The invasion force here is one-third smaller than that assembled a dozen years ago in the Persian Gulf War that liberated Kuwait from seven months of Iraqi occupation. The international coalition this time is also far smaller, limited mostly to a British force totaling more than 40,000 in the region, about 25,000 of whom are in Kuwait and will move into Iraq alongside U.S. Marines. Altogether, the land force gathered here consists of about 130,000 Americans, including just under 70,000 Marines, more than 20,000 soldiers from the Army's 3rd Infantry Division, more than 20,000 from the 101st Airborne and others from a variety of support units.
Military officials have described an audacious war plan in recent weeks, including a fast push toward Baghdad. Led by the armor-endowed 3rd Infantry, the Army anticipates surging through several of the dozen freshly carved cuts in the sand berm separating northern Kuwait from Iraq as tens of thousands of Marines also roll forward.
An initial goal will be Basra and the principal Iraqi port, Umm Qasr at the head of the Persian Gulf. The Marines and the British are expected to take the lead in that assault, while other components of the U.S. ground force begin the race north.
The United States has engaged in a massive leaflet drop in recent days across southern Iraq, urging Iraqi soldiers to lay down their arms and Iraqi civilians to stay at home. Iraqi troops, one leaflet said, should "not risk their life and the life of their comrades," but instead should "leave now, go home, and learn, grow, prosper."
Air Force officials reported that for the first time coalition aircraft on Wednesday dropped leaflets providing specific "capitulation" instructions to Iraqi forces, describing what actions they could take to sit out the hostilities.
Another leaflet warned that Iraqi commanders "will be held accountable for noncompliance" if they use weapons of mass destruction. The top commander of U.S. ground forces, Army Lt. Gen. David D. McKiernan, told reporters that any Iraqi use of chemical weapons would draw a "dramatic" response. He did not say what it would be, but added: "It would be a hugely bad choice on the part of any Iraqi leader or commander to employ chemical weapons."
One Army commander put the odds of Iraq possessing chemical weapons at "80 to 90 percent," but there still is no consensus on whether those weapons are likely to be used, much less used effectively. Chemical decontamination sites will be established in southern Iraq to scrub tainted vehicles and equipment with a bleach solution. All soldiers involved in the attack will wear protective suits; if exposed and injured, they will be decontaminated before medical evacuation to avoid spreading the chemicals, said another officer.
Gen. Tommy R. Franks, the overall U.S. commander, traveled Wednesday to Saudi Arabia for talks in Riyadh with Crown Prince Abdullah and other senior Saudi officials, Jim Wilkinson, the Central Command spokesman, said from the command's regional headquarters in Qatar. Franks also met with Lt. Gen.
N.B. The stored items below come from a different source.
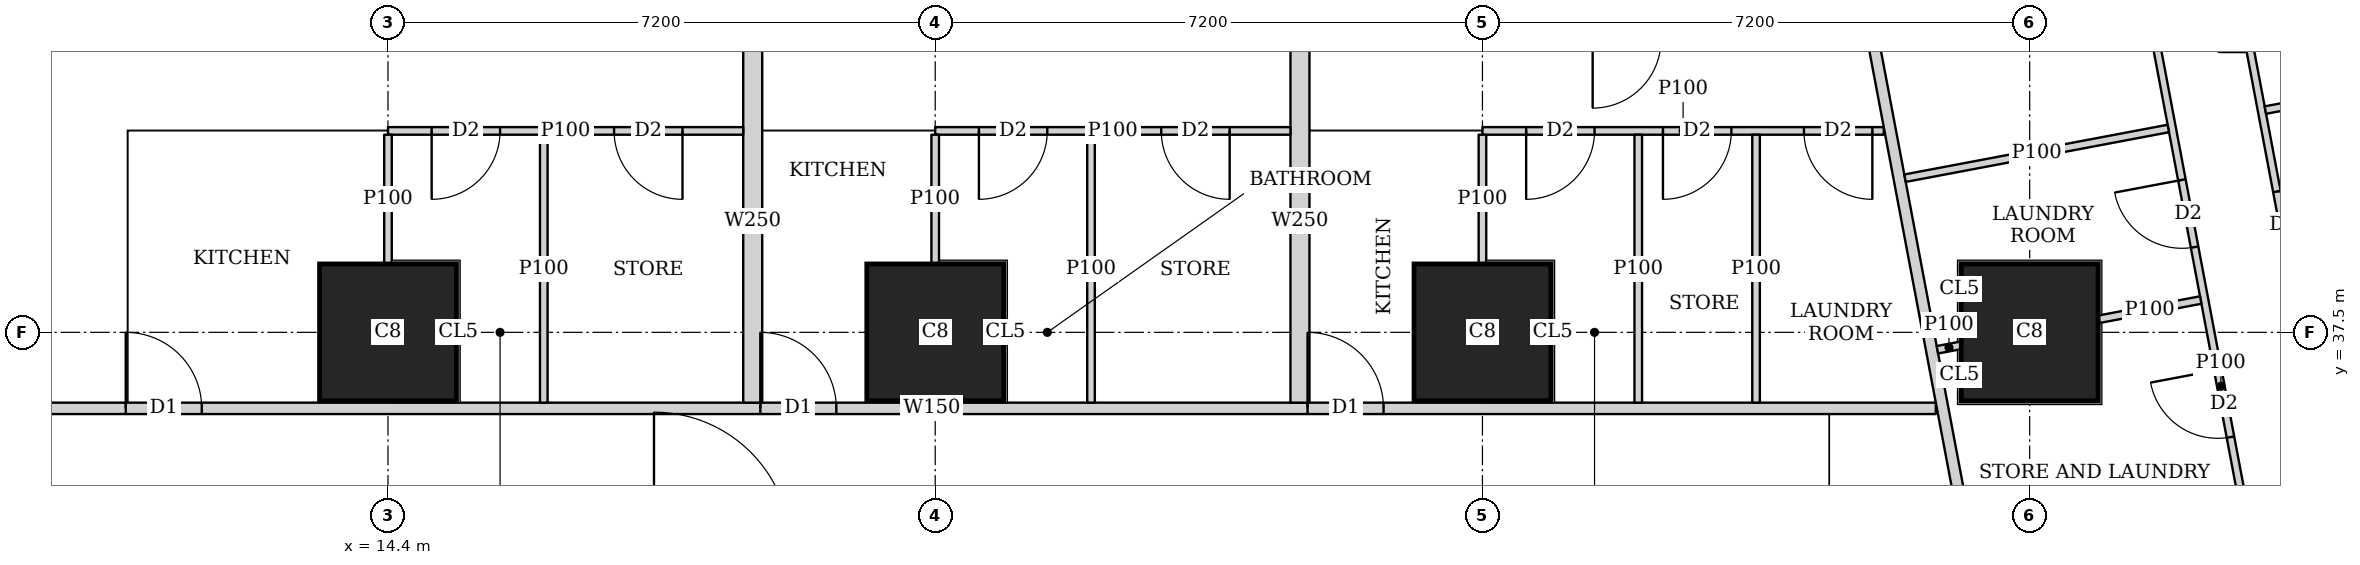
"""IFC4 building model, lengths in metres.
Left out: names, types, materials, properties, quantities, classifications, styles, units other than length and angle.
Written with IfcOpenShell. Run it as: python <this file> out.ifc"""

import sys

from ifc_helpers import new_model, si_unit, direction, frame, frame_2d, origin, origin_2d, place, context, subcontext, project, spatial, rectangle, extrude, element, fill, save


model = new_model("IFC4")
c1 = context("Model", 3, precision=1e-05, world=origin(), true_north=direction((0.0, 1.0)))
c2 = subcontext(c1, "Body", "Model", "MODEL_VIEW")
j1 = project(units=[si_unit("LENGTHUNIT", "METRE"), si_unit("PLANEANGLEUNIT", "RADIAN")], contexts=[c1])
p1 = place(None, origin())
s1 = spatial("IfcSite", under=j1, at=p1, CompositionType="ELEMENT")
p2 = place(p1, origin())
s2 = spatial("IfcBuilding", under=s1, at=p2, CompositionType="ELEMENT")
p3 = place(p2, frame((0.0, 0.0, 65.0)))
s3 = spatial("IfcBuildingStorey", under=s2, at=p3, CompositionType="ELEMENT", Elevation=65.0)
for number, where, z_axis, x_axis in (
    (1, (14.4, 37.5, 0.0), (0.0, 0.0, 1.0), (1.0, 0.0, 0.0)),
    (2, (21.6, 37.5, 0.0), (0.0, 0.0, 1.0), (1.0, 0.0, 0.0)),
    (3, (28.8, 37.5, 0.0), (0.0, 0.0, 1.0), (1.0, 0.0, 0.0)),
    (4, (36.0, 37.5, 0.0), (0.0, 0.0, 1.0), (1.0, 0.0, 0.0)),
):
    element("IfcColumn", number, at=place(p3, frame(where, z_axis=z_axis, x_axis=x_axis)), inside=s3, PredefinedType="COLUMN", context=c2, shape_type="SweptSolid", body=[
        extrude(rectangle(XDim=1.8, YDim=1.8, at=origin_2d()), origin(), (0.0, 0.0, 1.0), 3.75),
    ])
p4 = place(p3, frame((8.35, 36.5, 0.0), z_axis=(0.0, 0.0, 1.0), x_axis=(1.0, 0.0, 0.0)))
e5 = element("IfcWall", 5, at=p4, inside=s3, PredefinedType="SOLIDWALL", context=c2, shape_type="SweptSolid", body=[
    extrude(rectangle(XDim=26.415, YDim=0.15, at=frame_2d((13.208, 0.0))), origin(), (0.0, 0.0, 1.0), 3.5),
])
p5 = place(p4, frame((2.6, 0.0, 0.0)))
e6 = element("IfcOpeningElement", 6, at=p5, cuts=e5, PredefinedType="OPENING", context=c2, shape_type="SweptSolid", body=[
    extrude(rectangle(XDim=1.0, YDim=2.1, at=frame_2d((0.5, 1.05))), frame((0.0, 0.085, 0.0), z_axis=(0.0, -1.0, 0.0), x_axis=(1.0, 0.0, 0.0)), (0.0, 0.0, 1.0), 0.17),
])
p6 = place(p4, frame((10.949, 0.0, 0.0)))
e7 = element("IfcOpeningElement", 7, at=p6, cuts=e5, PredefinedType="OPENING", context=c2, shape_type="SweptSolid", body=[
    extrude(rectangle(XDim=1.0, YDim=2.1, at=frame_2d((0.5, 1.05))), frame((0.0, 0.085, 0.0), z_axis=(0.0, -1.0, 0.0), x_axis=(1.0, 0.0, 0.0)), (0.0, 0.0, 1.0), 0.17),
])
p7 = place(p4, frame((18.149, 0.0, 0.0)))
e8 = element("IfcOpeningElement", 8, at=p7, cuts=e5, PredefinedType="OPENING", context=c2, shape_type="SweptSolid", body=[
    extrude(rectangle(XDim=1.0, YDim=2.1, at=frame_2d((0.5, 1.05))), frame((0.0, 0.085, 0.0), z_axis=(0.0, -1.0, 0.0), x_axis=(1.0, 0.0, 0.0)), (0.0, 0.0, 1.0), 0.17),
])
p8 = place(p3, frame((33.68, 42.723, 0.0), z_axis=(0.0, 0.0, 1.0), x_axis=(0.185624129307, -0.98262082342, 0.0)))
e9 = element("IfcWall", 9, at=p8, inside=s3, PredefinedType="SOLIDWALL", context=c2, shape_type="SweptSolid", body=[
    extrude(rectangle(XDim=41.051, YDim=0.15, at=frame_2d((20.526, 0.0))), origin(), (0.0, 0.0, 1.0), 2.5),
])
p9 = place(p8, frame((13.577, 0.0, 0.0)))
e10 = element("IfcOpeningElement", 10, at=p9, cuts=e9, PredefinedType="OPENING", context=c2, shape_type="SweptSolid", body=[
    extrude(rectangle(XDim=1.0, YDim=2.1, at=frame_2d((0.5, 1.05))), frame((0.0, 0.085, 0.0), z_axis=(0.0, -1.0, 0.0), x_axis=(1.0, 0.0, 0.0)), (0.0, 0.0, 1.0), 0.17),
])
p10 = place(p8, frame((17.394, 0.0, 0.0)))
e11 = element("IfcOpeningElement", 11, at=p10, cuts=e9, PredefinedType="OPENING", context=c2, shape_type="SweptSolid", body=[
    extrude(rectangle(XDim=1.0, YDim=2.1, at=frame_2d((0.5, 1.05))), frame((0.0, 0.085, 0.0), z_axis=(0.0, -1.0, 0.0), x_axis=(1.0, 0.0, 0.0)), (0.0, 0.0, 1.0), 0.17),
])
p11 = place(p8, frame((26.758, 0.0, 0.0)))
e12 = element("IfcOpeningElement", 12, at=p11, cuts=e9, PredefinedType="OPENING", context=c2, shape_type="SweptSolid", body=[
    extrude(rectangle(XDim=1.0, YDim=2.1, at=frame_2d((0.5, 1.05))), frame((0.0, 0.085, 0.0), z_axis=(0.0, -1.0, 0.0), x_axis=(1.0, 0.0, 0.0)), (0.0, 0.0, 1.0), 0.17),
])
p12 = place(p8, frame((32.193, 0.0, 0.0)))
e13 = element("IfcOpeningElement", 13, at=p12, cuts=e9, PredefinedType="OPENING", context=c2, shape_type="SweptSolid", body=[
    extrude(rectangle(XDim=1.0, YDim=2.1, at=frame_2d((0.5, 1.05))), frame((0.0, 0.085, 0.0), z_axis=(0.0, -1.0, 0.0), x_axis=(1.0, 0.0, 0.0)), (0.0, 0.0, 1.0), 0.17),
])
p13 = place(p3, frame((38.9, 41.22, 0.0), z_axis=(0.0, 0.0, 1.0), x_axis=(0.185595712897, -0.982626191059, 0.0)))
e14 = element("IfcWall", 14, at=p13, inside=s3, PredefinedType="PARTITIONING", context=c2, shape_type="SweptSolid", body=[
    extrude(rectangle(XDim=8.524, YDim=0.1, at=frame_2d((4.262, 0.0))), origin(), (0.0, 0.0, 1.0), 3.5),
])
p14 = place(p13, frame((7.352, 0.0, 0.0)))
e15 = element("IfcOpeningElement", 15, at=p14, cuts=e14, PredefinedType="OPENING", context=c2, shape_type="SweptSolid", body=[
    extrude(rectangle(XDim=0.9, YDim=2.1, at=frame_2d((0.45, 1.05))), frame((0.0, 0.06, 0.0), z_axis=(0.0, -1.0, 0.0), x_axis=(1.0, 0.0, 0.0)), (0.0, 0.0, 1.0), 0.12),
])
p15 = place(p13, frame((1.9, 0.0, 0.0)))
e16 = element("IfcOpeningElement", 16, at=p15, cuts=e14, PredefinedType="OPENING", context=c2, shape_type="SweptSolid", body=[
    extrude(rectangle(XDim=0.9, YDim=2.1, at=frame_2d((0.45, 1.05))), frame((0.0, 0.06, 0.0), z_axis=(0.0, -1.0, 0.0), x_axis=(1.0, 0.0, 0.0)), (0.0, 0.0, 1.0), 0.12),
])
p16 = place(p3, frame((37.515, 42.089, 0.0), z_axis=(0.0, 0.0, 1.0), x_axis=(0.185565000991, -0.982631991341, 0.0)))
e17 = element("IfcWall", 17, at=p16, inside=s3, PredefinedType="PARTITIONING", context=c2, shape_type="SweptSolid", body=[
    extrude(rectangle(XDim=10.784, YDim=0.1, at=frame_2d((5.392, 0.0))), origin(), (0.0, 0.0, 1.0), 3.5),
])
p17 = place(p16, frame((9.358, 0.0, 0.0)))
e18 = element("IfcOpeningElement", 18, at=p17, cuts=e17, PredefinedType="OPENING", context=c2, shape_type="SweptSolid", body=[
    extrude(rectangle(XDim=0.9, YDim=2.1, at=frame_2d((0.45, 1.05))), frame((0.0, 0.06, 0.0), z_axis=(0.0, -1.0, 0.0), x_axis=(1.0, 0.0, 0.0)), (0.0, 0.0, 1.0), 0.12),
])
p18 = place(p16, frame((5.173, 0.0, 0.0)))
e19 = element("IfcOpeningElement", 19, at=p18, cuts=e17, PredefinedType="OPENING", context=c2, shape_type="SweptSolid", body=[
    extrude(rectangle(XDim=0.9, YDim=2.1, at=frame_2d((0.45, 1.05))), frame((0.0, 0.06, 0.0), z_axis=(0.0, -1.0, 0.0), x_axis=(1.0, 0.0, 0.0)), (0.0, 0.0, 1.0), 0.12),
])
p19 = place(p16, frame((2.629, 0.0, 0.0)))
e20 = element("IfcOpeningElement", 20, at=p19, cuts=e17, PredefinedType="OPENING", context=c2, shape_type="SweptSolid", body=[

T. Michael Moseley, commander of the Air Force deployment at Prince Sultan air base, 60 miles southeast of Riyadh, for discussions about the war plan, Central Command officials said.
Plans have been drafted for military operations nearly two weeks into the ground invasion, according to one senior officer, with various contingencies for capturing Baghdad, its international airport and other high-value targets. Every building in the capital has been numbered by U.S. intelligence for purposes of targeting and to avoid unintended damage.
"But there's no telling which way this is going to go once we get contact with the enemy," the officer said.
Those designated by the Bush administration to be Iraq's postwar architects have set up shop in Kuwait, working out of a beachside resort here. Retired Army Lt. Gen. Jay Garner, the military's director of postwar planning, arrived this week with a large team from the Pentagon. Also returning to Kuwait was Barbara Bodine, the former U.S. ambassador to Yemen who served as chargé d'affaires here during the 1990 Iraqi invasion and was stationed in Baghdad in the early 1980s. Officials expect her to return there as the chief U.S. civilian administrator for Baghdad and the surrounding region.
At Camp New Jersey, 31 Air Force weather officers attached to the 101st Airborne Division have begun tracking meteorological conditions in Baghdad and central Iraq, a subject of particular interest to helicopter pilots. But there were preparations also for casualties.
In the 101st alone, more than 550 medical professionals -- including 11 physicians, 25 physician's assistants and hundreds of medics -- have prepared for heavy combat by distributing 6,000 tourniquets and more than 10,000 pressure bandages. Medics have trained on four extraordinarily lifelike mannequins that cost $200,000 each and replicate human trauma symptoms ranging from a fluttering pulse to dilated eyes to massive hemorrhaging; programmed to accept 77 different medications, the dummies "die" if improperly treated.

Ricks reported from Washington. Staff writer Vernon Loeb in Washington and correspondents Rick Atkinson at Camp New Jersey, Kuwait, William Branigin near the Iraqi border, Susan B. Glasser in Kuwait City and Alan Sipress in Doha, Qatar, contributed to this report.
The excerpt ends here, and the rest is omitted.